At a Loss For Words

There are moments in a man’s life when there are no words. I must assume this is true for women as well. Non-binary folx, too. This, that, and the other thing. But forgive this aside about gender. Let’s try again, shall we?


There are moments in a person’s life when there are no words. When the capacity to make sense of experience with language fails. When all that is left is the overwhelming capacity to be overwhelmed.

I’ve been a trooper since March. Done battle with isolation and quarantine. Wore masks. Shopped with Instacart. Stomached the work of working online. Virtual schooling. Zoom meeting after Zoom meeting. Samson’s dentist appointment. The school district’s continuing improvisations. Slings and arrows, friends. Through it all, my soul has been well.

But something about last week hit me. And here’s what it was:

As if watching American democracy go up in flames in a debate that could only be described as theatre of cruelty wasn’t bad enough…

The Minnesota Twins lost their 18th consecutive playoff game. I was 24 the last time the Twins won a playoff game. I’m 40 now. Each game has been a special sort of suck. And this year, as the world burns (or, at the very least, coughs), was nothing special.
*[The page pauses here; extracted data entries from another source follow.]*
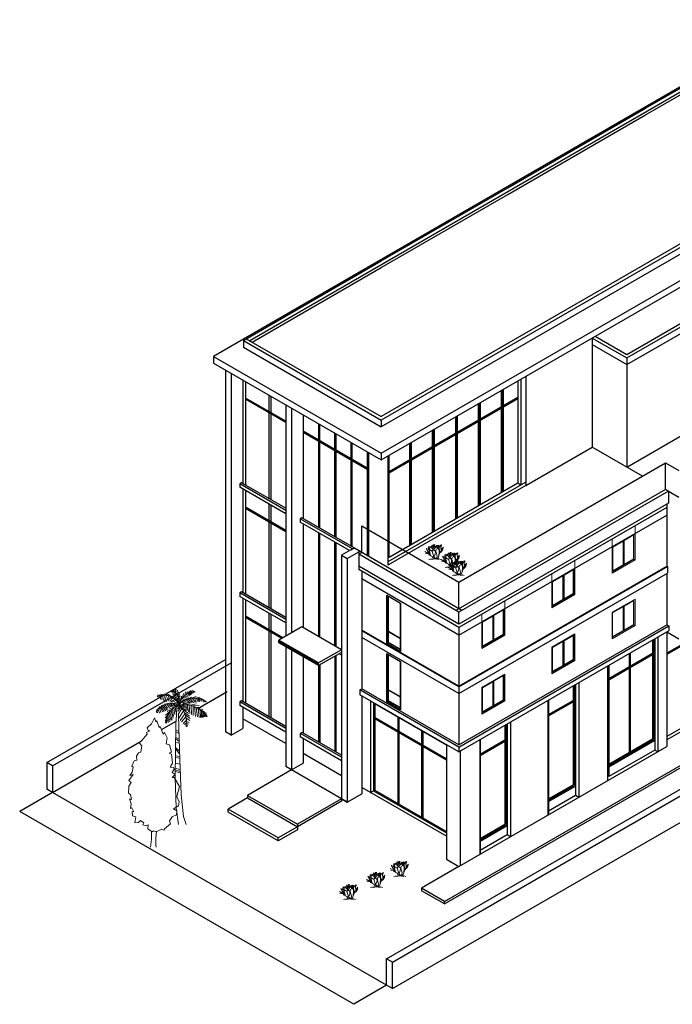
# Model space of a CAD drawing. Units: metres. Extents: x 20738 to 41533, y 14777 to 29586.
# Tile 1 of 2: x 20738 to 20763, y 14777 to 14814. Entities that reach past the tile are written whole.
import ezdxf

# ---------------------------------------------------------------- set-up
doc = ezdxf.new("R2010")
doc.units = ezdxf.units.M
for name, color, linetype, lineweight in [('A-ANNO-NPLT', 8, 'Continuous', 13), ('A-ELEV', 7, 'Continuous', 25), ('A-GLAZ', 4, 'Continuous', 18), ('L-PLNT', 92, 'Continuous', 13)]:
    doc.layers.add(name, color=color, linetype=linetype, lineweight=lineweight)

# ---------------------------------------------------------------- blocks, each defined once
blk = doc.blocks.new('*U2')
for p, q in [((-18.24, 11.04), (-21.755, 16.655)), ((-12.96, 12.48), (-19.68, 16.32)), ((-13.92, 12.48), (-19.2, 14.88)), ((-16.8, 16.32), (-18.72, 18.72)), ((-14.88, 18.24), (-17.76, 19.2)), ((-16.8, 16.32), (-15.36, 19.68)), ((-16.8, 12.48), (-16.8, 16.32)), ((-14.88, 18.24), (-12.96, 20.64)), ((-8.16, 12), (-14.88, 18.24)), ((-13.325, 16.724), (-11.433, 18.289)), ((-12.96, 12.48), (-8.16, 17.76)), ((-12.471, 19.775), (-12.898, 22.044)), ((-11.677, 19.071), (-12.471, 19.775)), ((-11.28, 19.619), (-12.104, 21.184)), ((-12.043, 15.628), (-11.921, 18.836)), ((-11.982, 16.802), (-10.579, 18.054)), ((-11.921, 18.836), (-10.64, 20.401)), ((-11.433, 18.289), (-10.457, 22.749)), ((-10.579, 18.054), (-9.846, 19.697)), ((-8.16, 17.76), (-10.56, 21.6)), ((-9.48, 19.775), (-8.992, 22.592)), ((-7.2, 19.68), (-8.64, 20.16)), ((-8.16, 17.76), (-5.28, 19.2)), ((-7.68, 12.48), (-7.2, 14.88)), ((-7.2, 19.68), (-6.24, 21.12)), ((-4.8, 16.32), (-7.2, 19.68)), ((-7.2, 14.88), (-3.84, 16.8)), ((-5.086, 17.741), (-5.513, 21.34)), ((-5.28, 19.2), (-3.84, 21.6)), ((-3.377, 15.315), (-5.086, 17.819)), ((-2.88, 12.96), (-4.32, 19.68)), ((-3.84, 16.8), (-0.96, 20.64)), ((-3.377, 18.602), (-2.888, 21.575)), ((-2.766, 16.802), (-3.377, 18.602)), ((-2.88, 15.84), (-2.4, 20.16)), ((-0.96, 10.56), (-2.88, 15.84)), ((-0.508, 21.888), (-0.081, 20.558)), ((-0.203, 19.149), (0.102, 21.34)), ((0.346, 13.203), (-0.203, 19.149)), ((-0.142, 19.384), (0.59, 20.401)), ((-0.02, 20.01), (0.896, 21.105)), ((0.041, 20.714), (1.384, 22.044)), ((0.102, 21.34), (0.835, 21.888)), ((0.346, 13.203), (1.323, 16.254)), ((0.96, 12), (1.44, 15.36)), ((0.96, 12), (2.88, 14.88)), ((1.323, 16.254), (3.642, 18.289)), ((1.44, 15.36), (2.88, 17.28)), ((1.92, 13.44), (2.4, 15.36)), ((2.4, 15.36), (3.36, 16.32)), ((-17.76, 8.64), (-23.663, 11.961)), ((-17.76, 8.64), (-23.128, 9.222)), ((-18.24, 11.04), (-20.16, 11.52)), ((-15.84, 8.16), (-18.24, 11.04)), ((-16.32, 7.2), (-18.24, 7.2)), ((-16.8, 12.48), (-17.76, 12.96)), ((-14.88, 5.76), (-17.76, 8.64)), ((-15.84, 0.48), (-17.76, 0)), ((-15.84, 8.16), (-16.8, 12.48)), ((-14.88, 5.76), (-15.84, 8.16)), ((-13.44, 0.48), (-15.84, 0.48)), ((-12.96, 4.8), (-14.88, 5.76)), ((-12.96, 12.48), (-13.92, 12.48)), ((-9.6, 0.96), (-13.44, 0.48)), ((-10.56, 4.32), (-12.96, 12.48)), ((-11.52, 2.4), (-12.96, 4.8)), ((-9.6, 0.96), (-12.96, 0)), ((-8.64, 0.96), (-11.52, 2.4)), ((-10.56, 4.32), (-8.64, 7.68)), ((-8.64, 1.92), (-10.56, 4.32)), ((-9.6, 0.96), (-7.68, 0.96)), ((-8.64, 7.68), (-8.16, 12)), ((-8.64, 0.96), (-4.32, 2.88)), ((-8.64, 0.96), (-6.24, 2.88)), ((-8.64, 0.96), (-8.64, 1.92)), ((-8.64, 0.96), (-2.88, 0.96)), ((-6.72, 8.64), (-7.68, 12.48)), ((-7.68, 0.96), (-6.24, 0.48)), ((-5.76, 5.28), (-6.72, 8.64)), ((-6.24, 2.88), (-5.76, 5.28)), ((-6.24, 0.48), (-3.36, 0)), ((-4.32, 2.88), (-1.92, 9.6)), ((-3.36, 5.28), (-2.88, 12.96)), ((-2.88, 0.96), (0, 0)), ((-1.92, 9.6), (0.96, 12)), ((-0.48, 10.8), (0.346, 13.203))]:
    blk.add_line(p, q)
blk = doc.blocks.new('*U3')
blk.add_lwpolyline([(-2.754, 191.699), (-6.78, 182.851), (-13.682, 176.953), (-11.956, 173.266), (-9.656, 172.529), (-14.257, 170.317), (-13.682, 167.368), (-21.733, 157.783), (-25.184, 154.834), (-21.158, 150.41), (-21.733, 147.461), (-22.884, 140.825), (-26.334, 140.087), (-29.21, 134.926), (-28.635, 129.028), (-32.661, 128.291), (-36.111, 120.18), (-34.386, 118.706), (-35.536, 111.333), (-38.987, 106.171), (-34.386, 107.646), (-40.712, 98.798), (-37.261, 95.849), (-40.712, 90.688), (-41.287, 80.366), (-38.412, 78.154), (-36.686, 70.781), (-39.562, 71.518), (-37.261, 64.145), (-38.412, 57.509), (-36.111, 58.247), (-33.236, 52.348), (-35.536, 53.086), (-34.961, 46.45), (-30.36, 44.975), (-31.51, 36.128), (-26.334, 36.865), (-23.459, 39.814), (-18.283, 36.128), (-20.008, 33.178), (-14.832, 31.704), (-11.956, 33.178), (-12.531, 27.28), (-6.205, 22.856), (-3.905, 24.331), (0.121, 22.856), (8.173, 26.543), (11.624, 25.068), (12.199, 27.28), (21.4, 34.653), (19.675, 39.077), (23.701, 44.975), (30.027, 47.924), (30.602, 53.823), (25.426, 56.772), (32.903, 61.196), (34.053, 67.094), (30.602, 75.205), (34.628, 89.951), (26.576, 103.222), (23.701, 103.222), (28.302, 107.646), (23.701, 110.595), (26.576, 115.756), (25.426, 117.968), (20.825, 118.706), (24.276, 124.604), (22.551, 137.876), (19.1, 139.35), (22.551, 140.825), (19.675, 151.884), (14.499, 153.359), (16.224, 162.207), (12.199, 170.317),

At a loss for words, friends. At a loss.


But of course that’s not true. I haven’t lost my words. Here I am a’rantin’ and a’ravin’. A bloggin’ and a hoggin’. Words, words, and more words. Staying the course.

I can’t even imagine what sort of verb “hogging” might be. I shan’t look it up for fear of some slang description of the activities of youngsters. Best to turn away.

Turning away is what I should have done during the debate. But I flipped to the channel. And I couldn’t look away from the train wreck. Embarrassing doesn’t capture it. I struggled to fall asleep after it was over. The yelling and interrupting was silly. The inability for a reasonable exchange over political issues was predictable, albeit disappointing. But a sitting president essentially promising not to honor the results of an election while, in the same breathe, coaxing white supremacists to turn out to monitor polls? Some of the residual blood of my Jewish ancestors that run through my veins recognized such tactics. Only one word comes to mind. Yikes.

And turning away is what I should have done during those Minnesota Twins games last week. The Astros are terrible this year. And the Twins are stacked. And yet. The bats fell silent. Our defense was abysmal. And, despite masterful pitching, the Twins were eliminated from the postseason before October even began.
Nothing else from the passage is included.